Here's a better and more complete fix for the problem. Could you
please see if it works for you? I tested it on a real NUMA box and it
seemed to work fine there.

Description
-----------

This patch provides a fix for the problem found by
Michael Ellerman <michael@ellerman.id.au> while using fake NUMA nodes
on a cell box. The code modifies node id iff (as in if and only if)
fake NUMA nodes are created.

Signed-off-by: Balbir Singh <balbir@linux.vnet.ibm.com>
---

 arch/powerpc/mm/numa.c |    7 ++++++-
 1 file changed, 6 insertions(+), 1 deletion(-)

diff -puN arch/powerpc/mm/numa.c~fix-fake-numa-nid-on-numa arch/powerpc/mm/numa.c
--- linux-2.6.24-rc8/arch/powerpc/mm/numa.c~fix-fake-numa-nid-on-numa	2008-01-26 12:20:29.000000000 +0530
+++ linux-2.6.24-rc8-balbir/arch/powerpc/mm/numa.c	2008-01-26 12:27:53.000000000 +0530
@@ -49,7 +49,12 @@ static int __cpuinit fake_numa_create_ne
 	static unsigned int fake_nid = 0;
 	static unsigned long long curr_boundary = 0;
 
-	*nid = fake_nid;
+	/*
+	 * If we did enable fake nodes and cross a node,
+	 * remember the last node and start from there.
+	 */
+	if (fake_nid)
+		*nid = fake_nid;
 	if (!p)
 		return 0;
 
_

-- 
	Warm Regards,
	Balbir Singh
	Linux Technology Center
	IBM, ISTL

^ permalink raw reply	[flat|nested] 18+ messages in thread

* Re: [PATCH] Fake NUMA emulation for PowerPC (Take 2)
  2008-01-26  7:13     ` Balbir Singh
@ 2008-01-27 11:55       ` Paul Mackerras
  2008-01-27 15:01         ` Balbir Singh
  2008-01-28 12:52         ` [PATCH powerpc] Fake NUMA emulation for PowerPC (Take 3) Balbir Singh
  0 siblings, 2 replies; 18+ messages in thread
From: Paul Mackerras @ 2008-01-27 11:55 UTC (permalink / raw)
  To: balbir; +Cc: Michael Ellerman, linuxppc-dev, LKML

Balbir Singh writes:

> Here's a better and more complete fix for the problem.

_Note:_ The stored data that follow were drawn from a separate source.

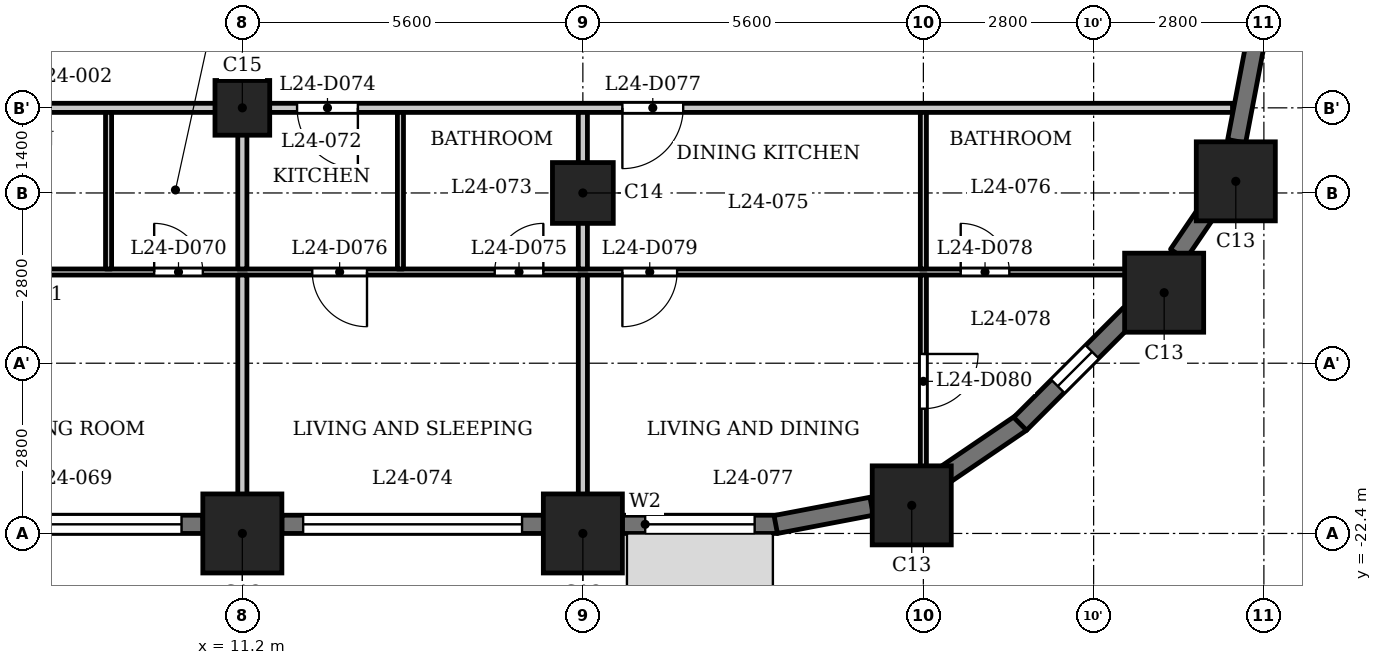
"""IFC4 building model, lengths in metres.
Left out: names, types, materials, properties, quantities, classifications, styles, units other than length and angle.
Written with IfcOpenShell. Run it as: python <this file> out.ifc"""

import sys

from ifc_helpers import new_model, si_unit, direction, frame, frame_2d, origin, origin_2d, place, context, subcontext, project, spatial, rectangle, extrude, element, fill, save


model = new_model("IFC4")
c1 = context("Model", 3, precision=1e-05, world=origin(), true_north=direction((0.0, 1.0)))
c2 = subcontext(c1, "Body", "Model", "MODEL_VIEW")
j1 = project(units=[si_unit("LENGTHUNIT", "METRE"), si_unit("PLANEANGLEUNIT", "RADIAN")], contexts=[c1])
p1 = place(None, origin())
s1 = spatial("IfcSite", under=j1, at=p1, CompositionType="ELEMENT")
p2 = place(p1, origin())
s2 = spatial("IfcBuilding", under=s1, at=p2, CompositionType="ELEMENT")
p3 = place(p2, frame((0.0, 0.0, 97.3)))
s3 = spatial("IfcBuildingStorey", under=s2, at=p3, CompositionType="ELEMENT", Elevation=97.3)
for number, where, z_axis, x_axis in (
    (1, (11.2, -22.4, 0.0), (0.0, 0.0, 1.0), (1.0, 0.0, 0.0)),
    (2, (16.8, -22.4, 0.0), (0.0, 0.0, 1.0), (1.0, 0.0, 0.0)),
    (3, (22.209, -21.938, 0.0), (0.0, 0.0, 1.0), (1.0, 0.0, 0.0)),
    (4, (26.36, -18.44, 0.0), (0.0, 0.0, 1.0), (1.0, 0.0, 0.0)),
    (5, (27.538, -16.609, 0.0), (0.0, 0.0, 1.0), (1.0, 0.0, 0.0)),
):
    element("IfcColumn", number, at=place(p3, frame(where, z_axis=z_axis, x_axis=x_axis)), inside=s3, PredefinedType="COLUMN", context=c2, shape_type="SweptSolid", body=[
        extrude(rectangle(XDim=1.3, YDim=1.3, at=origin_2d()), origin(), (0.0, 0.0, 1.0), 3.5),
    ])
p4 = place(p3, frame((16.8, -16.8, 0.0), z_axis=(0.0, 0.0, 1.0), x_axis=(1.0, 0.0, 0.0)))
e6 = element("IfcColumn", 6, at=p4, inside=s3, PredefinedType="COLUMN", context=c2, shape_type="SweptSolid", body=[
    extrude(rectangle(XDim=1.0, YDim=1.0, at=origin_2d()), origin(), (0.0, 0.0, 1.0), 3.5),
])
p5 = place(p3, frame((11.2, -15.4, 0.0), z_axis=(0.0, 0.0, 1.0), x_axis=(1.0, 0.0, 0.0)))
e7 = element("IfcColumn", 7, at=p5, inside=s3, PredefinedType="COLUMN", context=c2, shape_type="SweptSolid", body=[
    extrude(rectangle(XDim=0.9, YDim=0.9, at=origin_2d()), origin(), (0.0, 0.0, 1.0), 3.5),
])
p6 = place(p3, frame((6.25, -22.25, 0.0), z_axis=(0.0, 0.0, 1.0), x_axis=(1.0, 0.0, 0.0)))
e8 = element("IfcWall", 8, at=p6, inside=s3, PredefinedType="SOLIDWALL", context=c2, shape_type="SweptSolid", body=[
    extrude(rectangle(XDim=4.3, YDim=0.3, at=frame_2d((2.15, 0.0))), origin(), (0.0, 0.0, 1.0), 2.4),
])
p7 = place(p6, frame((0.35, 0.0, 1.2)))
e9 = element("IfcOpeningElement", 9, at=p7, cuts=e8, PredefinedType="OPENING", context=c2, shape_type="SweptSolid", body=[
    extrude(rectangle(XDim=3.6, YDim=0.95, at=frame_2d((1.8, 0.475))), frame((0.0, 0.16, 0.0), z_axis=(0.0, -1.0, 0.0), x_axis=(1.0, 0.0, 0.0)), (0.0, 0.0, 1.0), 0.32),
])
p8 = place(p3, frame((11.85, -22.25, 0.0), z_axis=(0.0, 0.0, 1.0), x_axis=(1.0, 0.0, 0.0)))
e10 = element("IfcWall", 10, at=p8, inside=s3, PredefinedType="SOLIDWALL", context=c2, shape_type="SweptSolid", body=[
    extrude(rectangle(XDim=4.3, YDim=0.3, at=frame_2d((2.15, 0.0))), origin(), (0.0, 0.0, 1.0), 2.4),
])
p9 = place(p8, frame((0.35, 0.0, 1.2)))
e11 = element("IfcOpeningElement", 11, at=p9, cuts=e10, PredefinedType="OPENING", context=c2, shape_type="SweptSolid", body=[
    extrude(rectangle(XDim=3.6, YDim=0.95, at=frame_2d((1.8, 0.475))), frame((0.0, 0.16, 0.0), z_axis=(0.0, -1.0, 0.0), x_axis=(1.0, 0.0, 0.0)), (0.0, 0.0, 1.0), 0.32),
])
p10 = place(p3, frame((17.45, -22.25, 0.0), z_axis=(0.0, 0.0, 1.0), x_axis=(1.0, 0.0, 0.0)))
e12 = element("IfcWall", 12, at=p10, inside=s3, PredefinedType="SOLIDWALL", context=c2, shape_type="SweptSolid", body=[
    extrude(rectangle(XDim=2.55, YDim=0.3, at=frame_2d((1.275, 0.0))), origin(), (0.0, 0.0, 1.0), 2.4),
])
p11 = place(p10, frame((0.375, 0.0, 0.9)))
e13 = element("IfcOpeningElement", 13, at=p11, cuts=e12, PredefinedType="OPENING", context=c2, shape_type="SweptSolid", body=[
    extrude(rectangle(XDim=1.8, YDim=1.25, at=frame_2d((0.9, 0.625))), frame((0.0, 0.16, 0.0), z_axis=(0.0, -1.0, 0.0), x_axis=(1.0, 0.0, 0.0)), (0.0, 0.0, 1.0), 0.32),
])
for number, where, z_axis, x_axis in (
    (14, (19.972, -22.253, 0.0), (0.0, 0.0, 1.0), (0.982, 0.187, 0.0)),
    (15, (22.684, -21.482, 0.0), (0.0, 0.0, 1.0), (0.827, 0.562, 0.0)),
):
    element("IfcWall", number, at=place(p3, frame(where, z_axis=z_axis, x_axis=x_axis)), inside=s3, PredefinedType="SOLIDWALL", context=c2, shape_type="SweptSolid", body=[
        extrude(rectangle(XDim=1.606, YDim=0.3, at=frame_2d((0.803, 0.0))), origin(), (0.0, 0.0, 1.0), 2.4),
    ])
p12 = place(p3, frame((23.991, -20.597, 0.0), z_axis=(0.0, 0.0, 1.0), x_axis=(0.707106781187, 0.707106781187, 0.0)))
e16 = element("IfcWall", 16, at=p12, inside=s3, PredefinedType="SOLIDWALL", context=c2, shape_type="SweptSolid", body=[
    extrude(rectangle(XDim=2.55, YDim=0.3, at=frame_2d((1.275, 0.0))), origin(), (0.0, 0.0, 1.0), 2.4),
])
p13 = place(p12, frame((0.875, 0.0, 0.6)))
e17 = element("IfcOpeningElement", 17, at=p13, cuts=e16, PredefinedType="OPENING", context=c2, shape_type="SweptSolid", body=[
    extrude(rectangle(XDim=0.8, YDim=1.55, at=frame_2d((0.4, 0.775))), frame((0.0, 0.16, 0.0), z_axis=(0.0, -1.0, 0.0), x_axis=(1.0, 0.0, 0.0)), (0.0, 0.0, 1.0), 0.32),
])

Could you
> please see if it works for you? I tested it on a real NUMA box and it
> seemed to work fine there.

There are a couple of other changes in behaviour that your patch
introduces, and I'd like to understand them better before taking the
patch.  First, with your patch we don't set nodes online if they end
up having no memory in them because of the memory limit, whereas
previously we did.  Secondly, in the case where we don't have NUMA
information, we now set node 0 online after adding each LMB, whereas
previously we only set it online once.

If in fact these changes are benign, then your patch description
should mention them and explain why they are benign.

Paul.

^ permalink raw reply	[flat|nested] 18+ messages in thread

* Re: [PATCH] Fake NUMA emulation for PowerPC (Take 2)
  2008-01-27 11:55       ` Paul Mackerras
@ 2008-01-27 15:01         ` Balbir Singh
  2008-01-27 20:22           ` Nish Aravamudan
  2008-01-28 12:52         ` [PATCH powerpc] Fake NUMA emulation for PowerPC (Take 3) Balbir Singh
  1 sibling, 1 reply; 18+ messages in thread
From: Balbir Singh @ 2008-01-27 15:01 UTC (permalink / raw)
  To: Paul Mackerras; +Cc: linuxppc-dev, LKML

* Paul Mackerras <paulus@samba.org> [2008-01-27 22:55:43]:

> Balbir Singh writes:
> 
> > Here's a better and more complete fix for the problem. Could you
> > please see if it works for you? I tested it on a real NUMA box and it
> > seemed to work fine there.
> 
> There are a couple of other changes in behaviour that your patch
> introduces, and I'd like to understand them better before taking the
> patch.  First, with your patch we don't set nodes online if they end
> up having no memory in them because of the memory limit, whereas
> previously we did.  Secondly, in the case where we don't have NUMA
> information, we now set node 0 online after adding each LMB, whereas
> previously we only set it online once.
> 
> If in fact these changes are benign, then your patch description
> should mention them and explain why they are benign.
>

Yes, they are. I'll try and justify the changes with a good detailed
changelog. If people prefer it, I can hide fake NUMA nodes under a
config option, so that it does not come enabled by default.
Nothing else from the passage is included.